An integrated cell culture reverse transcriptase quantitative PCR (ICC-RTqPCR) method to simultaneously quantify the infectious concentrations of eight environmentally relevant enterovirus serotypes

Enterovirus (EV) infectivity is typically measured as a bulk parameter, yet EV serotypes vary in their susceptibility to natural and engineered stressors. Here we developed an integrated cell culture reverse transcriptase quantitative PCR (ICC-RTqPCR) method to simultaneously and specifically quantify the infectious concentrations of eight EV serotypes commonly encountered in sewage (coxsackieviruses A9, B1, B2, B3, B4 and B5, and echoviruses 25 and 30). The method uses two cell lines for virus replication and serotype-specific qPCR primers for quantification. Primers were designed to target multiple environmental strains of a given serotype and displayed high specificity.

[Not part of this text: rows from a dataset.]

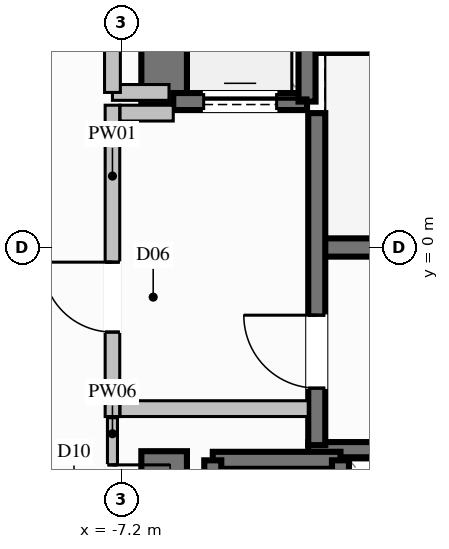
"""IFC4 building model, lengths in metres.
Left out: names, types, materials, properties, quantities, classifications, styles, units other than length and angle.
Written with IfcOpenShell. Run it as: python <this file> out.ifc"""

import sys

from ifc_helpers import new_model, si_unit, direction, frame, frame_2d, origin, place, context, subcontext, project, spatial, rectangle, extrude, element, fill, save


model = new_model("IFC4")
c1 = context("Model", 3, precision=1e-05, world=origin(), true_north=direction((0.0, 1.0)))
c2 = subcontext(c1, "Body", "Model", "MODEL_VIEW")
j1 = project(units=[si_unit("LENGTHUNIT", "METRE"), si_unit("PLANEANGLEUNIT", "RADIAN")], contexts=[c1])
p1 = place(None, origin())
s1 = spatial("IfcSite", under=j1, at=p1, CompositionType="ELEMENT")
p2 = place(p1, origin())
s2 = spatial("IfcBuilding", under=s1, at=p2, CompositionType="ELEMENT")
p3 = place(p2, frame((0.0, 0.0, 60.8)))
s3 = spatial("IfcBuildingStorey", under=s2, at=p3, CompositionType="ELEMENT", Elevation=60.8)
p4 = place(p3, frame((-3.99, 0.0, 0.0), z_axis=(0.0, 0.0, 1.0), x_axis=(1.0, 0.0, 0.0)))
e1 = element("IfcWall", 1, at=p4, inside=s3, PredefinedType="SHEAR", context=c2, shape_type="SweptSolid", body=[
    extrude(rectangle(XDim=7.98, YDim=0.3, at=frame_2d((3.99, 0.0))), origin(), (0.0, 0.0, 1.0), 3.6),
])
for number, where, z_axis, x_axis in (
    (2, (-4.13, -3.325, 0.0), (0.0, 0.0, 1.0), (1.0, 0.0, 0.0)),
    (3, (-4.13, 3.325, 0.0), (0.0, 0.0, 1.0), (1.0, 0.0, 0.0)),
):
    element("IfcWall", number, at=place(p3, frame(where, z_axis=z_axis, x_axis=x_axis)), inside=s3, PredefinedType="SOLIDWALL", context=c2, shape_type="SweptSolid", body=[
        extrude(rectangle(XDim=8.26, YDim=0.25, at=frame_2d((4.13, 0.0))), origin(), (0.0, 0.0, 1.0), 3.6),
    ])
p5 = place(p3, frame((-6.5, 2.35, 0.0), z_axis=(0.0, 0.0, 1.0), x_axis=(0.0, 1.0, 0.0)))
e4 = element("IfcWall", 4, at=p5, inside=s3, PredefinedType="SHEAR", context=c2, shape_type="SweptSolid", body=[
    extrude(rectangle(XDim=4.125, YDim=0.75, at=frame_2d((2.062, 0.0))), origin(), (0.0, 0.0, 1.0), 3.6),
])
p6 = place(p3, frame((-6.5, -6.475, 0.0), z_axis=(0.0, 0.0, 1.0), x_axis=(0.0, 1.0, 0.0)))
e5 = element("IfcWall", 5, at=p6, inside=s3, PredefinedType="SHEAR", context=c2, shape_type="SweptSolid", body=[
    extrude(rectangle(XDim=3.125, YDim=0.75, at=frame_2d((1.562, 0.0))), origin(), (0.0, 0.0, 1.0), 3.6),
])
p7 = place(p3, frame((-3.6, -3.5, 0.0), z_axis=(0.0, 0.0, 1.0), x_axis=(-1.0, 0.0, 0.0)))
e6 = element("IfcWall", 6, at=p7, inside=s3, PredefinedType="SOLIDWALL", context=c2, shape_type="SweptSolid", body=[
    extrude(rectangle(XDim=2.1, YDim=0.28, at=frame_2d((1.05, 0.0))), origin(), (0.0, 0.0, 1.0), 3.34),
])
for number, where, z_axis, x_axis in (
    (7, (-5.7, -3.5, 0.0), (0.0, 0.0, 1.0), (0.0, -1.0, 0.0)),
    (8, (-3.6, -6.0, 0.0), (0.0, 0.0, 1.0), (0.0, 1.0, 0.0)),
):
    element("IfcWall", number, at=place(p3, frame(where, z_axis=z_axis, x_axis=x_axis)), inside=s3, PredefinedType="SOLIDWALL", context=c2, shape_type="SweptSolid", body=[
        extrude(rectangle(XDim=2.5, YDim=0.28, at=frame_2d((1.25, 0.0))), origin(), (0.0, 0.0, 1.0), 3.34),
    ])
p8 = place(p3, frame((-6.35, 2.4, 0.0), z_axis=(0.0, 0.0, 1.0), x_axis=(1.0, 0.0, 0.0)))
e9 = element("IfcWall", 9, at=p8, inside=s3, PredefinedType="SOLIDWALL", context=c2, shape_type="SweptSolid", body=[
    extrude(rectangle(XDim=2.2, YDim=0.28, at=frame_2d((1.1, 0.0))), origin(), (0.0, 0.0, 1.0), 3.34),
])
p9 = place(p8, frame((0.5, 0.0, 0.0)))
e10 = element("IfcOpeningElement", 10, at=p9, cuts=e9, PredefinedType="OPENING", context=c2, shape_type="SweptSolid", body=[
    extrude(rectangle(XDim=1.2, YDim=2.2, at=frame_2d((0.6, 1.1))), frame((0.0, 0.15, 0.0), z_axis=(0.0, -1.0, 0.0), x_axis=(1.0, 0.0, 0.0)), (0.0, 0.0, 1.0), 0.3),
])
p10 = place(p3, frame((-4.15, 2.4, 0.0), z_axis=(0.0, 0.0, 1.0), x_axis=(0.0, 1.0, 0.0)))
e11 = element("IfcWall", 11, at=p10, inside=s3, PredefinedType="SOLIDWALL", context=c2, shape_type="SweptSolid", body=[
    extrude(rectangle(XDim=2.7, YDim=0.28, at=frame_2d((1.35, 0.0))), origin(), (0.0, 0.0, 1.0), 3.34),
])
p11 = place(p3, frame((-3.99, -3.25, 0.0), z_axis=(0.0, 0.0, 1.0), x_axis=(0.0, 1.0, 0.0)))
e12 = element("IfcWall", 12, at=p11, inside=s3, PredefinedType="SOLIDWALL", context=c2, shape_type="SweptSolid", body=[
    extrude(rectangle(XDim=5.46, YDim=0.28, at=frame_2d((2.73, 0.0))), origin(), (0.0, 0.0, 1.0), 3.34),
])
p12 = place(p11, frame((0.937, 0.0, 0.0)))
e13 = element("IfcOpeningElement", 13, at=p12, cuts=e12, PredefinedType="OPENING", context=c2, shape_type="SweptSolid", body=[
    extrude(rectangle(XDim=1.2, YDim=2.2, at=frame_2d((0.6, 1.1))), frame((0.0, 0.15, 0.0), z_axis=(0.0, -1.0, 0.0), x_axis=(1.0, 0.0, 0.0)), (0.0, 0.0, 1.0), 0.3),
])
p13 = place(p3, frame((-7.35, -2.78, 0.0), z_axis=(0.0, 0.0, 1.0), x_axis=(0.0, 1.0, 0.0)))
e14 = element("IfcWall", 14, at=p13, inside=s3, PredefinedType="PARTITIONING", context=c2, shape_type="SweptSolid", body=[
    extrude(rectangle(XDim=5.12, YDim=0.24, at=frame_2d((2.56, 0.0))), origin(), (0.0, 0.0, 1.0), 2.425),
])
p14 = place(p13, frame((1.389, 0.0, 0.0)))
e15 = element("IfcOpeningElement", 15, at=p14, cuts=e14, PredefinedType="OPENING", context=c2, shape_type="SweptSolid", body=[
    extrude(rectangle(XDim=1.15, YDim=2.2, at=frame_2d((0.575, 1.1))), frame((0.0, 0.13, 0.0), z_axis=(0.0, -1.0, 0.0), x_axis=(1.0, 0.0, 0.0)), (0.0, 0.0, 1.0), 0.26),
])
p15 = place(p3, frame((-7.225, -2.65, 0.0), z_axis=(0.0, 0.0, 1.0), x_axis=(1.0, 0.0, 0.0)))
e16 = element("IfcWall", 16, at=p15, inside=s3, PredefinedType="PARTITIONING", context=c2, shape_type="SweptSolid", body=[
    extrude(rectangle(XDim=3.095, YDim=0.26, at=frame_2d((1.548, 0.0))), origin(), (0.0, 0.0, 1.0), 3.34),
])
p16 = place(p3, frame((-7.225, 2.21, 0.0), z_axis=(0.0, 0.0, 1.0), x_axis=(1.0, 0.0, 0.0)))
e17 = element("IfcWall", 17, at=p16, inside=s3, PredefinedType="PARTITIONING", context=c2, shape_type="SweptSolid", body=[
    extrude(rectangle(XDim=0.875, YDim=0.26, at=frame_2d((0.438, 0.0))), origin(), (0.0, 0.0, 1.0), 3.34),
])
p17 = place(p3, frame((-7.35, 2.55, 0.0), z_axis=(0.0, 0.0, 1.0), x_axis=(1.0, 0.0, 0.0)))
e18 = element("IfcWall", 18, at=p17, inside=s3, PredefinedType="PARTITIONING", context=c2, shape_type="SweptSolid", body=[
    extrude(rectangle(XDim=0.93, YDim=0.26, at=frame_2d((0.465, 0.0))), origin(), (0.0, 0.0, 1.0), 3.34),
])
p18 = place(p3, frame((-7.35, 2.55, 0.0), z_axis=(0.0, 0.0, 1.0), x_axis=(0.0, 1.0, 0.0)))
e19 = element("IfcWall", 19, at=p18, inside=s3, PredefinedType="PARTITIONING", context=c2, shape_type="SweptSolid", body=[
    extrude(rectangle(XDim=2.4, YDim=0.26, at=frame_2d((1.2, 0.0))), origin(), (0.0, 0.0, 1.0), 2.425),
])
p19 = place(p18, frame((0.775, 0.0, 0.0)))
e20 = element("IfcOpeningElement", 20, at=p19, cuts=e19, PredefinedType="OPENING", context=c2, shape_type="SweptSolid", body=[
    extrude(rectangle(XDim=0.85, YDim=2.05, at=frame_2d((0.425, 1.025))), frame((0.0, 0.14, 0.0), z_axis=(0.0, -1.0, 0.0), x_axis=(1.0, 0.0, 0.0)), (0.0, 0.0, 1.0), 0.28),
])
p20 = place(p3, frame((-7.35, -2.8, 0.0), z_axis=(0.0, 0.0, 1.0), x_axis=(0.0, -1.0, 0.0)))
e21 = element("IfcWall", 21, at=p20, inside=s3, PredefinedType="PARTITIONING", context=c2, shape_type="SweptSolid", body=[
    extrude(rectangle(XDim=2.5, YDim=0.165, at=frame_2d((1.25, 0.0))), origin(), (0.0, 0.0, 1.0), 3.34),
])
p21 = place(p20, frame((0.775, 0.0, 0.0)))
e22 = element("IfcOpeningElement", 22, at=p21, cuts=e21, PredefinedType="OPENING", context=c2, shape_type="SweptSolid", body=[
    extrude(rectangle(XDim=0.95, YDim=2.1, at=frame_2d((0.475, 1.05))), frame((0.0, 0.093, 0.0), z_axis=(0.0, -1.0, 0.0), x_axis=(1.0, 0.0, 0.0)), (0.0, 0.0, 1.0), 0.185),
])
p22 = place(p9, origin())
e23 = element("IfcDoor", 23, at=p22, inside=s3, OperationType="SLIDING_TO_LEFT", PredefinedType="DOOR", context=c2, shape_type="SweptSolid", body=[
    extrude(rectangle(XDim=1.2, YDim=2.2, at=frame_2d((0.6, 1.1))), frame((0.0, 0.025, 0.0), z_axis=(0.0, -1.0, 0.0), x_axis=(1.0, 0.0, 0.0)), (0.0, 0.0, 1.0), 0.05),
])
fill(e10, e23)
p23 = place(p12, origin())
e24 = element("IfcDoor", 24, at=p23, inside=s3, OperationType="SINGLE_SWING_RIGHT", PredefinedType="DOOR", context=c2, shape_type="SweptSolid", body=[
    extrude(rectangle(XDim=1.2, YDim=2.2, at=frame_2d((0.6, 1.1))), frame((0.0, 0.025, 0.0), z_axis=(0.0, -1.0, 0.0), x_axis=(1.0, 0.0, 0.0)), (0.0, 0.0, 1.0), 0.05),
])
fill(e13, e24)
p24 = place(p14, origin())
e25 = element("IfcDoor", 25, at=p24, inside=s3, OperationType="SINGLE_SWING_RIGHT", PredefinedType="DOOR", context=c2, shape_type="SweptSolid", body=[
    extrude(rectangle(XDim=1.15, YDim=2.2, at=frame_2d((0.575, 1.1))), frame((0.0, 0.025, 0.0), z_axis=(0.0, -1.0, 0.0), x_axis=(1.0, 0.0, 0.0)), (0.0, 0.0, 1.0), 0.05),
])
fill(e15, e25)
p25 = place(p21, origin())
e26 = element("IfcDoor", 26, at=p25, inside=s3, OperationType="SINGLE_SWING_LEFT", PredefinedType="DOOR", context=c2, shape_type="SweptSolid", body=[
    extrude(rectangle(XDim=0.95, YDim=2.1, at=frame_2d((0.475, 1.05))), frame((0.0, 0.025, 0.0), z_axis=(0.0, -1.0, 0.0), x_axis=(1.0, 0.0, 0.0)), (0.0, 0.0, 1.0), 0.05),
])
fill(e22, e26)
save(model, sys.argv[1])

The ICC-RTqPCR method exhibited a linear calibration range between 50 and 1000 (echoviruses) or 5000 (coxsackieviruses) infectious units per mL. Over this range, measurements were not influenced by the presence of non-target serotypes, and calibration slopes were reproducible for different virus batches and cell ages. The ICC-RTqPCR method was able to accurately quantify the infectious concentration of a virus after inactivation by heat, and the concentration of a virus within a wastewater matrix. This method will be valuable to assess the differing fates of EV serotypes in natural or engineered systems, and to portray the associated changes in EV population composition.

Automated summary

The study developed an integrated method combining cell culture and PCR to quantify the infectious concentrations of eight common enterovirus serotypes in sewage. The method exhibited a linear calibration range between 50 and 1000 or 5000 infectious units per mL, with reproducible calibration slopes and unaffected measurements by non-target serotypes. It is a reliable approach for assessing the differing fates of enterovirus serotypes in natural or engineered systems.